Three interesting questions. Here is how Harada answered them: To the question by the young monk he said it is dangerous to think of Zen in this way. This type of thinking is a barrier. Words can never speak the truth of Zen. To the question on freedom he said that these instruments like koans and our method of practice are tools which can be used or not use. Harada also likened kensho to finding a key and a lock that precisely fit. and that Zen cannot be fully understood until one has had this experience. He also said that Zen is not about stopping all thought because then one is dead or unconscious but it is also not about thinking but a subtle place in between, To the last question Harada said, "Thank you."
All of these questions go to the frustration that most Zen practitioners have with actually experiencing kensho. I thought I might answer these questions in my own way in this blog. Most people who are serious Rinzi Zen practitioners, go to sesshins and such, are looking to become enlightened if they already are not enlightened. I think this might be different from those who practice the other popular forms of Buddhism. The Soto Zen people discourage the desire for enlightenment and tell you that practicing itself is enlightenment. The Tibetans simply tell you that it takes many many lifetimes to become enlightened and the Vipassana people talk about being happy through mindfulness. But if you are going to practice Rinzi Zen with it's harsh discipline and koans you probably deeply desire enlightenment. It is that deep desire which drives you on in this practice.
Here in Port Townsend I sit with a small sanga of fifteen or twenty people. A subset of them consider me their teacher. Most of them are daily practitioners who never or almost never go to seven day sesshins yet they all feel their practice important. The research on meditation shows that it has excellent stress reductions properties even for relative beginners. How could learning to discipline the individual mind and enhance concentration and awareness be anything but good? How could learning to break the obsessive patterns of our thought be anything but good.? All of us who practice consistently notice great benefits.
One of the most important lessons that Buddhism has to teach is the anatomy of happiness. This goes right back to the first lesson of Shakyamuni on the Four Noble Truths. We suffer and we create suffering because of the way we think. We are obsessively self centered, filled with desires, and ignorant of the most basic truths. But now think about when you as an individual are happy.
This is a tricky question because most of us would say we are happy when our desires are satisfied But this type of happiness is fleeting because our undisciplined mind quickly desires something else. Then most of us would say we are happy when we are doing something that makes us happy. I love to play tennis. This type of happiness is not as fleeting but again in time it disappears. I cannot play tennis for ever. In either case the Buddhist would say that we should not look to the event making us happy but the state of mind that makes us happy. In all cases we find our self happy when we are free of desire, and not filled with self centered and critical thoughts, which are in effect just desires, As Buddhists we practice to discipline our minds to be free from desire, self centered and critical thoughts.

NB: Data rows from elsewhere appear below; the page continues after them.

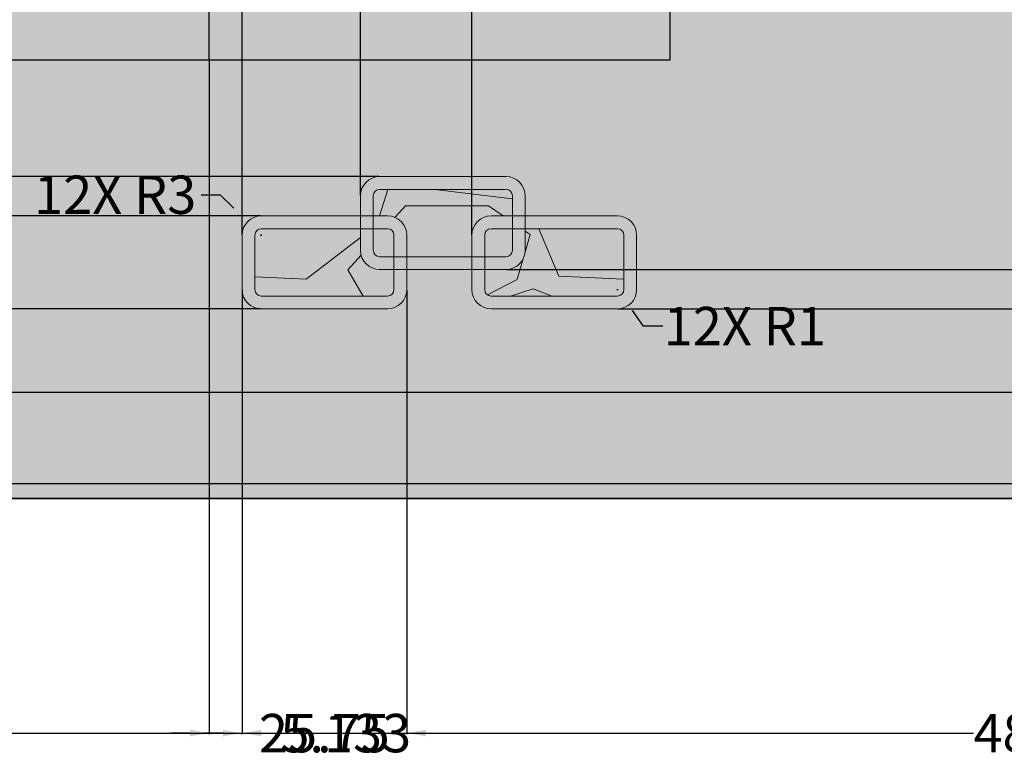
# Model space of a CAD drawing. Units: inches. Extents: x 126 to 726, y 86 to 888.
# Tile 2 of 13: x 270 to 424, y 86 to 202. Entities that reach past the tile are written whole.
import ezdxf

# ---------------------------------------------------------------- set-up
doc = ezdxf.new("R2010")
doc.units = ezdxf.units.IN
doc.header["$MEASUREMENT"] = 0
for name, color, linetype, lineweight in [('A-ANNO-DIMS', 2, 'Continuous', 18), ('A-ELEV', 7, 'Continuous', 35), ('A-ELEV-DECO', 7, 'Continuous', 18), ('A-ELEV-PATT', 8, 'Continuous', 13), ('A-GLAZ', 4, 'Continuous', 25)]:
    doc.layers.add(name, color=color, linetype=linetype, lineweight=lineweight)
doc.styles.get("Standard").update_dxf_attribs({"font": 'arial.ttf'})
doc.dimstyles.get("Standard").update_dxf_attribs({"dimtxt": 6, "dimasz": 3, "dimexe": 0.18, "dimexo": 0.0625, "dimgap": 0.09, "dimtad": 0, "dimtih": 1, "dimtoh": 1, "dimdec": 0, "dimzin": 0, "dimdsep": 46, "dimlunit": 3, "dimtxsty": 'Standard', "dimcen": 0.09, "dimadec": 0, "dimazin": 0, "dimtfac": 1, "dimtdec": 0, "dimtofl": 0, "dimtmove": 0, "dimatfit": 3, "dimfxl": 1, "dimtolj": 1, "dimtzin": 0, "dimarcsym": 0})

# ---------------------------------------------------------------- blocks, each defined once
blk = doc.blocks.new('WIN-FRAME')
for points in [[(72, 0), (0, 0), (0, 108), (72, 108)], [(63, 9), (9, 9), (9, 99), (63, 99)]]:
    blk.add_lwpolyline(points, close=True)
blk = doc.blocks.new('*D13')
at = {"layer": 'A-ANNO-DIMS', "color": 0, "lineweight": -2, "transparency": 16777216}
for p, q in [((665.97, 642.98), (665.97, 90.21)), ((185.97, 126.98), (185.97, 90.21)), ((188.97, 90.39), (419.15, 90.39)), ((662.97, 90.39), (432.8, 90.39))]:
    blk.add_line(p, q, dxfattribs=at)
at = {"layer": 'A-ANNO-DIMS', "color": 0, "transparency": 16777216}
for points in [[(188.97, 90.89), (188.97, 89.89), (185.97, 90.39)], [(662.97, 90.89), (662.97, 89.89), (665.97, 90.39)]]:
    blk.add_solid(points, dxfattribs=at)
at = {"layer": 'Defpoints', "color": 0, "transparency": 16777216}
for p in [(665.97, 643.04), (185.97, 127.04), (665.97, 90.39)]:
    blk.add_point(p, dxfattribs=at)
at = {"layer": 'A-ANNO-DIMS', "color": 0, "transparency": 16777216, "insert": (425.97, 90.39), "char_height": 6, "attachment_point": 5}
blk.add_mtext('\\A1;480', dxfattribs=at)
blk = doc.blocks.new('*D15')
at = {"layer": 'A-ANNO-DIMS', "color": 0, "lineweight": -2, "transparency": 16777216}
for p, q in [((299.6, 195.59), (149.14, 195.59)), ((149.32, 192.59), (149.32, 164.47)), ((149.32, 130.04), (149.32, 158.16)), ((185.91, 127.04), (149.14, 127.04))]:
    blk.add_line(p, q, dxfattribs=at)
at = {"layer": 'A-ANNO-DIMS', "color": 0, "transparency": 16777216}
for points in [[(148.82, 192.59), (149.82, 192.59), (149.32, 195.59)], [(148.82, 130.04), (149.82, 130.04), (149.32, 127.04)]]:
    blk.add_solid(points, dxfattribs=at)
at = {"layer": 'Defpoints', "color": 0, "transparency": 16777216}
for p in [(149.32, 195.59), (299.67, 195.59), (185.97, 127.04)]:
    blk.add_point(p, dxfattribs=at)
at = {"layer": 'A-ANNO-DIMS', "color": 0, "transparency": 16777216, "insert": (149.32, 161.31), "char_height": 6, "attachment_point": 5}
blk.add_mtext('\\A1;68.55', dxfattribs=at)
blk = doc.blocks.new('*D16')
at = {"layer": 'A-ANNO-DIMS', "color": 0, "lineweight": -2, "transparency": 16777216}
for p, q in [((299.6, 425.68), (149.14, 425.68)), ((149.32, 422.68), (149.32, 313.79)), ((149.32, 198.59), (149.32, 307.48)), ((299.6, 195.59), (149.14, 195.59))]:
    blk.add_line(p, q, dxfattribs=at)
at = {"layer": 'A-ANNO-DIMS', "color": 0, "transparency": 16777216}
for points in [[(148.82, 422.68), (149.82, 422.68), (149.32, 425.68)], [(148.82, 198.59), (149.82, 198.59), (149.32, 195.59)]]:
    blk.add_solid(points, dxfattribs=at)
at = {"layer": 'Defpoints', "color": 0, "transparency": 16777216}
for p in [(149.32, 425.68), (299.67, 425.68), (299.67, 195.59)]:
    blk.add_point(p, dxfattribs=at)
at = {"layer": 'A-ANNO-DIMS', "color": 0, "transparency": 16777216, "insert": (149.32, 310.64), "char_height": 6, "attachment_point": 5}
blk.add_mtext('\\A1;230.1', dxfattribs=at)
blk = doc.blocks.new('*D18')
at = {"layer": 'A-ANNO-DIMS', "color": 0, "lineweight": -2, "transparency": 16777216}
for p, q in [((431.28, 395.58), (149.14, 395.58)), ((149.32, 392.58), (149.32, 264.47)), ((149.32, 130.04), (149.32, 258.16)), ((185.91, 127.04), (149.14, 127.04))]:
    blk.add_line(p, q, dxfattribs=at)
at = {"layer": 'A-ANNO-DIMS', "color": 0, "transparency": 16777216}
for points in [[(148.82, 392.58), (149.82, 392.58), (149.32, 395.58)], [(148.82, 130.04), (149.82, 130.04), (149.32, 127.04)]]:
    blk.add_solid(points, dxfattribs=at)
at = {"layer": 'Defpoints', "color": 0, "transparency": 16777216}
for p in [(149.32, 395.58), (431.34, 395.58), (185.97, 127.04)]:
    blk.add_point(p, dxfattribs=at)
at = {"layer": 'A-ANNO-DIMS', "color": 0, "transparency": 16777216, "insert": (149.32, 261.31), "char_height": 6, "attachment_point": 5}
blk.add_mtext('\\A1;268.54', dxfattribs=at)
blk = doc.blocks.new('*D30')
at = {"layer": 'A-ANNO-DIMS', "color": 0, "lineweight": -2, "transparency": 16777216}
for p, q in [((299.6, 195.59), (149.14, 195.59)), ((149.32, 192.59), (149.32, 189.64)), ((149.32, 180.39), (149.32, 183.33)), ((326.24, 177.39), (149.14, 177.39))]:
    blk.add_line(p, q, dxfattribs=at)
at = {"layer": 'A-ANNO-DIMS', "color": 0, "transparency": 16777216}
for points in [[(148.82, 192.59), (149.82, 192.59), (149.32, 195.59)], [(148.82, 180.39), (149.82, 180.39), (149.32, 177.39)]]:
    blk.add_solid(points, dxfattribs=at)
at = {"layer": 'Defpoints', "color": 0, "transparency": 16777216}
for p in [(149.32, 195.59), (299.67, 195.59), (326.3, 177.39)]:
    blk.add_point(p, dxfattribs=at)
at = {"layer": 'A-ANNO-DIMS', "color": 0, "transparency": 16777216, "insert": (149.32, 186.49), "char_height": 6, "attachment_point": 5}
blk.add_mtext('\\A1;18.2', dxfattribs=at)
blk = doc.blocks.new('*D31')
at = {"layer": 'A-ANNO-DIMS', "color": 0, "lineweight": -2, "transparency": 16777216}
for p, q in [((299.67, 195.52), (299.67, 90.21)), ((304.8, 159.65), (304.8, 90.21)), ((296.67, 90.39), (293.67, 90.39)), ((307.8, 90.39), (310.8, 90.39))]:
    blk.add_line(p, q, dxfattribs=at)
at = {"layer": 'A-ANNO-DIMS', "color": 0, "transparency": 16777216}
for points in [[(296.67, 90.89), (296.67, 89.89), (299.67, 90.39)], [(307.8, 90.89), (307.8, 89.89), (304.8, 90.39)]]:
    blk.add_solid(points, dxfattribs=at)
at = {"layer": 'Defpoints', "color": 0, "transparency": 16777216}
for p in [(299.67, 195.59), (304.8, 159.71), (304.8, 90.39)]:
    blk.add_point(p, dxfattribs=at)
at = {"layer": 'A-ANNO-DIMS', "color": 0, "transparency": 16777216, "insert": (321.01, 90.39), "char_height": 6, "attachment_point": 5}
blk.add_mtext('\\A1;5.133', dxfattribs=at)
blk = doc.blocks.new('*D36')
at = {"layer": 'A-ANNO-DIMS', "color": 0, "lineweight": -2, "transparency": 16777216}
for p, q in [((304.8, 159.65), (304.8, 90.21)), ((330.55, 159.65), (330.55, 90.21)), ((301.8, 90.39), (298.8, 90.39)), ((333.55, 90.39), (336.55, 90.39))]:
    blk.add_line(p, q, dxfattribs=at)
at = {"layer": 'A-ANNO-DIMS', "color": 0, "transparency": 16777216}
for points in [[(301.8, 90.89), (301.8, 89.89), (304.8, 90.39)], [(333.55, 90.89), (333.55, 89.89), (330.55, 90.39)]]:
    blk.add_solid(points, dxfattribs=at)
at = {"layer": 'Defpoints', "color": 0, "transparency": 16777216}
for p in [(304.8, 159.71), (330.55, 159.71), (330.55, 90.39)]:
    blk.add_point(p, dxfattribs=at)
at = {"layer": 'A-ANNO-DIMS', "color": 0, "transparency": 16777216, "insert": (317.67, 90.39), "char_height": 6, "attachment_point": 5}
blk.add_mtext('\\A1;25.75', dxfattribs=at)
blk = doc.blocks.new('*D37')
at = {"layer": 'A-ANNO-DIMS', "color": 0, "lineweight": -2, "transparency": 16777216}
for p, q in [((307.74, 171.24), (149.14, 171.24)), ((149.32, 168.24), (149.32, 167.13)), ((149.32, 159.71), (149.32, 160.82)), ((307.74, 156.71), (149.14, 156.71))]:
    blk.add_line(p, q, dxfattribs=at)
at = {"layer": 'A-ANNO-DIMS', "color": 0, "transparency": 16777216}
for points in [[(148.82, 168.24), (149.82, 168.24), (149.32, 171.24)], [(148.82, 159.71), (149.82, 159.71), (149.32, 156.71)]]:
    blk.add_solid(points, dxfattribs=at)
at = {"layer": 'Defpoints', "color": 0, "transparency": 16777216}
for p in [(149.32, 171.24), (307.8, 171.24), (307.8, 156.71)]:
    blk.add_point(p, dxfattribs=at)
at = {"layer": 'A-ANNO-DIMS', "color": 0, "transparency": 16777216, "insert": (149.32, 163.98), "char_height": 6, "attachment_point": 5}
blk.add_mtext('\\A1;14.524', dxfattribs=at)
blk = doc.blocks.new('*D38')
at = {"layer": 'A-ANNO-DIMS', "color": 0, "lineweight": -2, "transparency": 16777216}
for p, q in [((304.8, 168.3), (304.8, 883.87)), ((307.8, 883.69), (320.3, 883.69)), ((323.3, 174.45), (323.3, 883.87)), ((323.3, 883.69), (326.3, 883.69))]:
    blk.add_line(p, q, dxfattribs=at)
at = {"layer": 'A-ANNO-DIMS', "color": 0, "transparency": 16777216}
for points in [[(307.8, 884.19), (307.8, 883.19), (304.8, 883.69)], [(320.3, 884.19), (320.3, 883.19), (323.3, 883.69)]]:
    blk.add_solid(points, dxfattribs=at)
at = {"layer": 'Defpoints', "color": 0, "transparency": 16777216}
for p in [(323.3, 883.69), (323.3, 174.39), (304.8, 168.24)]:
    blk.add_point(p, dxfattribs=at)
at = {"layer": 'A-ANNO-DIMS', "color": 0, "transparency": 16777216, "insert": (338.59, 883.69), "char_height": 6, "attachment_point": 5}
blk.add_mtext('\\A1;18.505', dxfattribs=at)
blk = doc.blocks.new('*D39')
at = {"layer": 'A-ANNO-DIMS', "color": 0, "lineweight": -2, "transparency": 16777216}
for p, q in [((323.3, 174.45), (323.3, 883.87)), ((326.3, 883.69), (337.74, 883.69)), ((340.74, 168.3), (340.74, 883.87)), ((340.74, 883.69), (343.74, 883.69))]:
    blk.add_line(p, q, dxfattribs=at)
at = {"layer": 'A-ANNO-DIMS', "color": 0, "transparency": 16777216}
for points in [[(326.3, 884.19), (326.3, 883.19), (323.3, 883.69)], [(337.74, 884.19), (337.74, 883.19), (340.74, 883.69)]]:
    blk.add_solid(points, dxfattribs=at)
at = {"layer": 'Defpoints', "color": 0, "transparency": 16777216}
for p in [(340.74, 883.69), (323.3, 174.39), (340.74, 168.24)]:
    blk.add_point(p, dxfattribs=at)
at = {"layer": 'A-ANNO-DIMS', "color": 0, "transparency": 16777216, "insert": (355.99, 883.69), "char_height": 6, "attachment_point": 5}
blk.add_mtext('\\A1;17.434', dxfattribs=at)
blk = doc.blocks.new('*D40')
at = {"layer": 'A-ANNO-DIMS', "color": 0, "lineweight": -2, "transparency": 16777216}
for p, q in [((702.62, 165.86), (702.62, 168.86)), ((702.62, 168.86), (705.62, 168.86)), ((346.12, 162.86), (702.8, 162.86)), ((363.55, 156.71), (702.8, 156.71)), ((702.62, 153.71), (702.62, 150.71))]:
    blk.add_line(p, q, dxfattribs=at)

To whatever extent we can do this we can relax into the moment and enjoy whatever is happening.
Sitting early morning Zazen
The Birds awakening the world,
And I am filled with joy
This is the power of Zazen even without kensho. Kensho, that perfect key fitting into that perfect lock is a step beyond finding joy in the moment. It demands that we drop all desires and all self centered and critical thoughts and beyond that drop all ideas of an individual self. And then when you do that the key fits in the lock and a door is open to a whole new way of seeing the world. But, most of us are not ready to step through the door. We don't want to give up the idea of an individual self and so we just take the benefit of being happier.
Now we come to the idea of freedom, and it is just that, an idea, and it goes together with the idea of an individual self.. Without the idea of an individual self the idea we have of freedom doesn't work. Yet we find the idea of freedom so critical to our idea of happiness because we see our own inhibitness as a source of our unhappiness. We want that freedom which the ancient Zen masters seemed to have attained. Our idea of their freedom is just another illusion. Yet the experience of kensho is a liberation. It is a liberation from our illusions and it may also be a liberation from many of our inhibitions.
If I am going to talk about Zen I like the the word harmony. Kensho is not an experience of freedom but of harmony. It is an experience of harmony precisely because the idea of an individual self is dropped and we no longer think of ourselves as independent actors but experience our individual self as embedded in the body of this unbounded Universe dancing in harmony with everything else.
Zen is about experience, it is not about language and it is not about ideas, yet even Zen practitioners cannot help but try to encompass what we are doing in language and ideas. I certainly cannot help it. I am just dancing.